Distributed Computing

Distributed computing is the field in computer science that studies the design and behavior of systems that involve many loosely-coupled components. The components of such distributed systems may be multiple threads in a single program, multiple processes on a single machine, or multiple processors connected through a shared memory or a network. Distributed systems are unusually vulnerable to nondeterminism, where the behavior of the system as a whole or of individual components is hard to predict. Such unpredictability requires a wide range of new techniques beyond those used in traditional computing.

Like other areas in computer science, distributed computing spans a wide range of subjects from the applied to the very theoretical. On the theory side, distributed computing is a rich source of mathematically interesting problems in which an algorithm is pitted against an adversary representing the unpredictable elements of the system. Analysis of distributed algorithms often has a strong game-theoretic flavor, because executions involve a complex interaction between the algorithm’s behavior and the system’s responses.

Michael Fischer is one of the pioneering researchers in the theory of distributed computing. His work on using adversary arguments to prove lower bounds and impossibility results has shaped much of the research on the area. He is currently actively involved in the study of security issues in distributed systems, including cryptographic tools and trust management.

James Aspnes’ research emphasizes the use of randomization for solving fundamental problems in distributed computing. Many problems that turn out to be difficult or impossible to solve using a deterministic algorithm can be solved if processes can flip coins. Analyzing the resulting algorithms often requires using non-trivial techniques from probability theory.

Distributed systems research at Yale includes work in both programming language support for distributed computing, and in the use of distributed systems techniques to support parallel programming. Such work is designed to lift some of the burden of understanding complex distributed systems from the shoulders of distributed system designers by letting the compiler or run-time libraries handle issues of scheduling and communication.

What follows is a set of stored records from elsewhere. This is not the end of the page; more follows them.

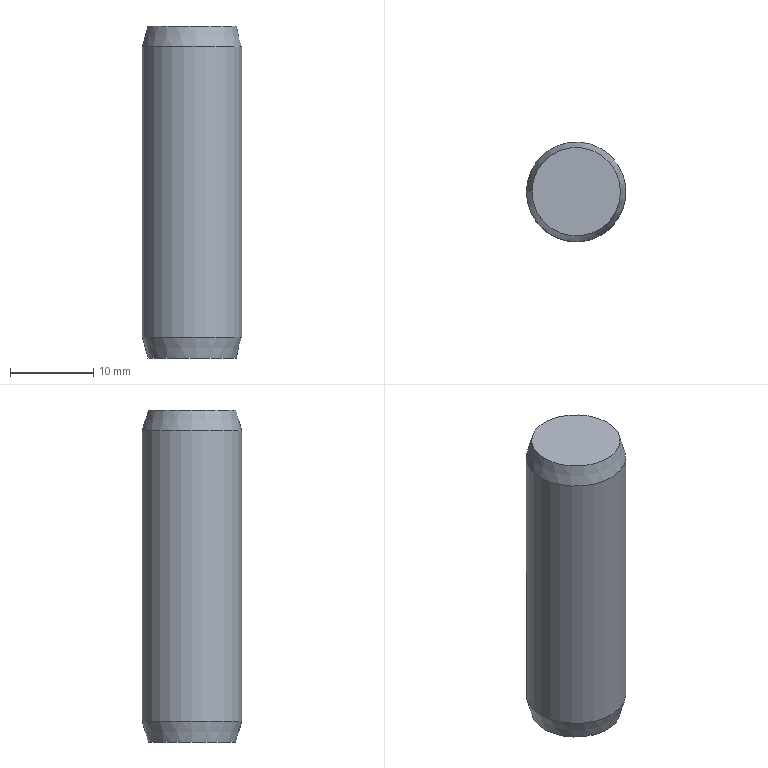Component | NX | GB-T119_1-2000_12X40_2 | 1 solid | 5 faces | box 12 x 12 x 40 mm | volume 4463 mm3 | plane 2 | cone 2 | cylinder 1 | commonest cylinder face diameters 12 x1
STEP:
#1=CARTESIAN_POINT('',(0.,0.,0.));
#2=DIRECTION('',(0.,0.,1.));
#3=DIRECTION('',(1.,0.,0.));
#4=AXIS2_PLACEMENT_3D('',#1,#2,#3);
#5=CARTESIAN_POINT('',(-137.33,-80.,160.));
#6=VERTEX_POINT('',#5);
#7=CARTESIAN_POINT('',(-132.,-80.,160.));
#8=DIRECTION('',(0.,0.,-1.));
#9=DIRECTION('',(-1.,0.,0.));
#10=AXIS2_PLACEMENT_3D('',#7,#8,#9);
#11=CIRCLE('',#10,5.33);
#12=CARTESIAN_POINT('',(-132.,-80.,160.));
#13=DIRECTION('',(0.,0.,-1.));
#14=DIRECTION('',(-1.,0.,0.));
#15=AXIS2_PLACEMENT_3D('',#12,#13,#14);
#16=PLANE('',#15);
#17=CARTESIAN_POINT('',(0.,0.));
#18=DIRECTION('',(1.,0.));
#19=AXIS2_PLACEMENT_2D('',#17,#18);
#20=CIRCLE('',#19,5.33);
#21=(GEOMETRIC_REPRESENTATION_CONTEXT(2)PARAMETRIC_REPRESENTATION_CONTEXT()REPRESENTATION_CONTEXT('',''));
#22=DEFINITIONAL_REPRESENTATION('',(#20),#21);
#23=PCURVE('',#16,#22);
#24=CARTESIAN_POINT('',(-132.,-80.,160.));
#25=DIRECTION('',(0.,0.,1.));
#26=DIRECTION('',(1.,0.,0.));
#27=AXIS2_PLACEMENT_3D('',#24,#25,#26);
#28=CONICAL_SURFACE('',#27,5.33,0.2618);
#29=CARTESIAN_POINT('',(9.425,0.));
#30=DIRECTION('',(-1.,0.));
#31=VECTOR('',#30,1.);
#32=LINE('',#29,#31);
#33=(GEOMETRIC_REPRESENTATION_CONTEXT(2)PARAMETRIC_REPRESENTATION_CONTEXT()REPRESENTATION_CONTEXT('',''));
#34=DEFINITIONAL_REPRESENTATION('',(#32),#33);
#35=PCURVE('',#28,#34);
#36=SURFACE_CURVE('',#11,(#23,#35),.PCURVE_S1.);
#37=EDGE_CURVE('',#6,#6,#36,.T.);
#38=ORIENTED_EDGE('',*,*,#37,.T.);
#39=EDGE_LOOP('',(#38));
#40=FACE_BOUND('',#39,.T.);
#41=ADVANCED_FACE('',(#40),#16,.T.);
#42=CARTESIAN_POINT('',(-138.,-80.,162.5));
#43=VERTEX_POINT('',#42);
#44=CARTESIAN_POINT('',(-132.,-80.,162.5));
#45=DIRECTION('',(0.,0.,-1.));
#46=DIRECTION('',(-1.,0.,0.));
#47=AXIS2_PLACEMENT_3D('',#44,#45,#46);
#48=CIRCLE('',#47,6.);
#49=CARTESIAN_POINT('',(9.425,2.5));
#50=DIRECTION('',(-1.,0.));
#51=VECTOR('',#50,1.);
#52=LINE('',#49,#51);
#53=(GEOMETRIC_REPRESENTATION_CONTEXT(2)PARAMETRIC_REPRESENTATION_CONTEXT()REPRESENTATION_CONTEXT('',''));
#54=DEFINITIONAL_REPRESENTATION('',(#52),#53);
#55=PCURVE('',#28,#54);
#56=CARTESIAN_POINT('',(-132.,-80.,200.));
#57=DIRECTION('',(0.,0.,-1.));
#58=DIRECTION('',(-1.,0.,0.));
#59=AXIS2_PLACEMENT_3D('',#56,#57,#58);
#60=CYLINDRICAL_SURFACE('',#59,6.);
#61=CARTESIAN_POINT('',(0.,37.5));
#62=DIRECTION('',(1.,0.));
#63=VECTOR('',#62,1.);
#64=LINE('',#61,#63);
#65=(GEOMETRIC_REPRESENTATION_CONTEXT(2)PARAMETRIC_REPRESENTATION_CONTEXT()REPRESENTATION_CONTEXT('',''));
#66=DEFINITIONAL_REPRESENTATION('',(#64),#65);
#67=PCURVE('',#60,#66);
#68=SURFACE_CURVE('',#48,(#55,#67),.PCURVE_S1.);
#69=EDGE_CURVE('',#43,#43,#68,.T.);
#70=ORIENTED_EDGE('',*,*,#69,.T.);
#71=CARTESIAN_POINT('',(-137.33,-80.,160.));
#72=CARTESIAN_POINT('',(-138.,-80.,162.5));
#73=B_SPLINE_CURVE_WITH_KNOTS('',1,(#71,#72),.UNSPECIFIED.,.F.,.F.,(2,2),(0.,2.588),.PIECEWISE_BEZIER_KNOTS.);
#74=CARTESIAN_POINT('',(3.142,0.));
#75=DIRECTION('',(0.,1.));
#76=VECTOR('',#75,1.);
#77=LINE('',#74,#76);
#78=(GEOMETRIC_REPRESENTATION_CONTEXT(2)PARAMETRIC_REPRESENTATION_CONTEXT()REPRESENTATION_CONTEXT('',''));
#79=DEFINITIONAL_REPRESENTATION('',(#77),#78);
#80=PCURVE('',#28,#79);
#81=CARTESIAN_POINT('',(9.425,0.));
#82=DIRECTION('',(0.,1.));
#83=VECTOR('',#82,1.);
#84=LINE('',#81,#83);
#85=(GEOMETRIC_REPRESENTATION_CONTEXT(2)PARAMETRIC_REPRESENTATION_CONTEXT()REPRESENTATION_CONTEXT('',''));
#86=DEFINITIONAL_REPRESENTATION('',(#84),#85);
#87=PCURVE('',#28,#86);
#88=SEAM_CURVE('',#73,(#80,#87),.PCURVE_S1.);
#89=EDGE_CURVE('',#6,#43,#88,.T.);
#90=ORIENTED_EDGE('',*,*,#89,.F.);
#91=ORIENTED_EDGE('',*,*,#37,.F.);
#92=ORIENTED_EDGE('',*,*,#89,.T.);
#93=EDGE_LOOP('',(#70,#90,#91,#92));
#94=FACE_BOUND('',#93,.T.);
#95=ADVANCED_FACE('',(#94),#28,.T.);
#96=CARTESIAN_POINT('',(-138.,-80.,197.5));
#97=VERTEX_POINT('',#96);
#98=CARTESIAN_POINT('',(-132.,-80.,197.5));
#99=DIRECTION('',(0.,0.,-1.));
#100=DIRECTION('',(-1.,0.,0.));
#101=AXIS2_PLACEMENT_3D('',#98,#99,#100);
#102=CIRCLE('',#101,6.);
#103=CARTESIAN_POINT('',(0.,2.5));
#104=DIRECTION('',(1.,0.));
#105=VECTOR('',#104,1.);
#106=LINE('',#103,#105);
#107=(GEOMETRIC_REPRESENTATION_CONTEXT(2)PARAMETRIC_REPRESENTATION_CONTEXT()REPRESENTATION_CONTEXT('',''));
#108=DEFINITIONAL_REPRESENTATION('',(#106),#107);
#109=PCURVE('',#60,#108);
#110=CARTESIAN_POINT('',(-132.,-80.,197.5));
#111=DIRECTION('',(0.,0.,-1.));
#112=DIRECTION('',(-1.,0.,0.));
#113=AXIS2_PLACEMENT_3D('',#110,#111,#112);
#114=CONICAL_SURFACE('',#113,6.,0.2618);
#115=CARTESIAN_POINT('',(0.,-0.));
#116=DIRECTION('',(1.,0.));
#117=VECTOR('',#116,1.);
#118=LINE('',#115,#117);
#119=(GEOMETRIC_REPRESENTATION_CONTEXT(2)PARAMETRIC_REPRESENTATION_CONTEXT()REPRESENTATION_CONTEXT('',''));
#120=DEFINITIONAL_REPRESENTATION('',(#118),#119);
#121=PCURVE('',#114,#120);
#122=SURFACE_CURVE('',#102,(#109,#121),.PCURVE_S1.);
#123=EDGE_CURVE('',#97,#97,#122,.T.);
#124=ORIENTED_EDGE('',*,*,#123,.T.);
#125=CARTESIAN_POINT('',(-138.,-80.,197.5));
#126=CARTESIAN_POINT('',(-138.,-80.,162.5));
#127=B_SPLINE_CURVE_WITH_KNOTS('',1,(#125,#126),.UNSPECIFIED.,.F.,.F.,(2,2),(2.5,37.5),.PIECEWISE_BEZIER_KNOTS.);
#128=CARTESIAN_POINT('',(6.283,0.));
#129=DIRECTION('',(0.,1.));
#130=VECTOR('',#129,1.);
#131=LINE('',#128,#130);
#132=(GEOMETRIC_REPRESENTATION_CONTEXT(2)PARAMETRIC_REPRESENTATION_CONTEXT()REPRESENTATION_CONTEXT('',''));
#133=DEFINITIONAL_REPRESENTATION('',(#131),#132);
#134=PCURVE('',#60,#133);
#135=CARTESIAN_POINT('',(0.,0.));
#136=DIRECTION('',(0.,1.));
#137=VECTOR('',#136,1.);
#138=LINE('',#135,#137);
#139=(GEOMETRIC_REPRESENTATION_CONTEXT(2)PARAMETRIC_REPRESENTATION_CONTEXT()REPRESENTATION_CONTEXT('',''));
#140=DEFINITIONAL_REPRESENTATION('',(#138),#139);
#141=PCURVE('',#60,#140);
#142=SEAM_CURVE('',#127,(#134,#141),.PCURVE_S1.);
#143=EDGE_CURVE('',#97,#43,#142,.T.);
#144=ORIENTED_EDGE('',*,*,#143,.T.);
#145=ORIENTED_EDGE('',*,*,#69,.F.);
#146=ORIENTED_EDGE('',*,*,#143,.F.);
#147=EDGE_LOOP('',(#124,#144,#145,#146));
#148=FACE_BOUND('',#147,.T.);
#149=ADVANCED_FACE('',(#148),#60,.T.);
#150=CARTESIAN_POINT('',(-137.33,-80.,200.));
#151=VERTEX_POINT('',#150);
#152=CARTESIAN_POINT('',(-132.,-80.,200.));
#153=DIRECTION('',(0.,0.,-1.));
#154=DIRECTION('',(-1.,0.,0.));
#155=AXIS2_PLACEMENT_3D('',#152,#153,#154);
#156=CIRCLE('',#155,5.33);
#157=CARTESIAN_POINT('',(0.,-2.5));
#158=DIRECTION('',(1.,0.));
#159=VECTOR('',#158,1.);
#160=LINE('',#157,#159);
#161=(GEOMETRIC_REPRESENTATION_CONTEXT(2)PARAMETRIC_REPRESENTATION_CONTEXT()REPRESENTATION_CONTEXT('',''));
#162=DEFINITIONAL_REPRESENTATION('',(#160),#161);
#163=PCURVE('',#114,#162);
#164=CARTESIAN_POINT('',(-126.67,-80.,200.));
#165=DIRECTION('',(0.,0.,1.));
#166=DIRECTION('',(1.,0.,0.));
#167=AXIS2_PLACEMENT_3D('',#164,#165,#166);
#168=PLANE('',#167);
#169=CARTESIAN_POINT('',(-10.66,0.));
#170=CARTESIAN_POINT('',(-10.66,9.232));
#171=CARTESIAN_POINT('',(-2.665,4.616));
#172=CARTESIAN_POINT('',(5.33,0.));
#173=CARTESIAN_POINT('',(-2.665,-4.616));
#174=CARTESIAN_POINT('',(-10.66,-9.232));
#175=CARTESIAN_POINT('',(-10.66,0.));
#176=(BOUNDED_CURVE()B_SPLINE_CURVE(2,(#169,#170,#171,#172,#173,#174,#175),.UNSPECIFIED.,.T.,.F.)B_SPLINE_CURVE_WITH_KNOTS((1,2,2,2,2,1),(-2.094,0.,2.094,4.189,6.283,8.378),.UNSPECIFIED.)CURVE()GEOMETRIC_REPRESENTATION_ITEM()RATIONAL_B_SPLINE_CURVE((1.,0.5,1.,0.5,1.,0.5,1.))REPRESENTATION_ITEM(''));
#177=(GEOMETRIC_REPRESENTATION_CONTEXT(2)PARAMETRIC_REPRESENTATION_CONTEXT()REPRESENTATION_CONTEXT('',''));
#178=DEFINITIONAL_REPRESENTATION('',(#176),#177);
#179=PCURVE('',#168,#178);
#180=SURFACE_CURVE('',#156,(#163,#179),.PCURVE_S1.);
#181=EDGE_CURVE('',#151,#151,#180,.T.);
#182=ORIENTED_EDGE('',*,*,#181,.T.);
#183=CARTESIAN_POINT('',(-137.33,-80.,200.));
#184=CARTESIAN_POINT('',(-138.,-80.,197.5));
#185=B_SPLINE_CURVE_WITH_KNOTS('',1,(#183,#184),.UNSPECIFIED.,.F.,.F.,(2,2),(-2.588,-0.),.PIECEWISE_BEZIER_KNOTS.);
#186=CARTESIAN_POINT('',(6.283,0.));
#187=DIRECTION('',(0.,1.));
#188=VECTOR('',#187,1.);
#189=LINE('',#186,#188);
#190=(GEOMETRIC_REPRESENTATION_CONTEXT(2)PARAMETRIC_REPRESENTATION_CONTEXT()REPRESENTATION_CONTEXT('',''));
#191=DEFINITIONAL_REPRESENTATION('',(#189),#190);
#192=PCURVE('',#114,#191);
#193=CARTESIAN_POINT('',(0.,0.));
#194=DIRECTION('',(0.,1.));
#195=VECTOR('',#194,1.);
#196=LINE('',#193,#195);
#197=(GEOMETRIC_REPRESENTATION_CONTEXT(2)PARAMETRIC_REPRESENTATION_CONTEXT()REPRESENTATION_CONTEXT('',''));
#198=DEFINITIONAL_REPRESENTATION('',(#196),#197);
#199=PCURVE('',#114,#198);
#200=SEAM_CURVE('',#185,(#192,#199),.PCURVE_S1.);
#201=EDGE_CURVE('',#151,#97,#200,.T.);
#202=ORIENTED_EDGE('',*,*,#201,.T.);
#203=ORIENTED_EDGE('',*,*,#123,.F.);
#204=ORIENTED_EDGE('',*,*,#201,.F.);
#205=EDGE_LOOP('',(#182,#202,#203,#204));
#206=FACE_BOUND('',#205,.T.);
#207=ADVANCED_FACE('',(#206),#114,.T.);
#208=ORIENTED_EDGE('',*,*,#181,.F.);
#209=EDGE_LOOP('',(#208));
#210=FACE_BOUND('',#209,.T.);
#211=ADVANCED_FACE('',(#210),#168,.T.);
#212=CLOSED_SHELL('',(#41,#95,#149,#207,#211));
#213=MANIFOLD_SOLID_BREP('',#212);
#214=(LENGTH_UNIT()NAMED_UNIT(*)SI_UNIT(.MILLI.,.METRE.));
#215=UNCERTAINTY_MEASURE_WITH_UNIT(LENGTH_MEASURE(0.00001),#214,'','');
#216=(NAMED_UNIT(*)PLANE_ANGLE_UNIT()SI_UNIT($,.RADIAN.));
#217=(NAMED_UNIT(*)SI_UNIT($,.STERADIAN.)SOLID_ANGLE_UNIT());
#218=(GEOMETRIC_REPRESENTATION_CONTEXT(3)GLOBAL_UNCERTAINTY_ASSIGNED_CONTEXT((#215))GLOBAL_UNIT_ASSIGNED_CONTEXT((#214,#216,#217))REPRESENTATION_CONTEXT('',''));
#219=ADVANCED_BREP_SHAPE_REPRESENTATION('',(#4,#213),#218);

Zhong Shao’s FLINT project focuses on developing a new mobile-code architecture to support efficient data and program migration on distributed and heterogeneous computing platforms. FLINT uses a common typed intermediate language to support safe execution of code written in multiple programming languages such as Java, C, and ML.

David Gelernter’s work on developing the Linda coordination language and related tools is an example of using distributed system techniques to support parallel programming. Linda provides a virtual “tuple space” through which processes can communicate without regard to location. His current Lifestreams project similarly simplifies information-management tasks, by freeing the user from many of the clerical duties imposed by traditional filesystems. Avi Silberschatz specializes in transaction management techniques as they relate to both distributed database systems and multidatabase systems.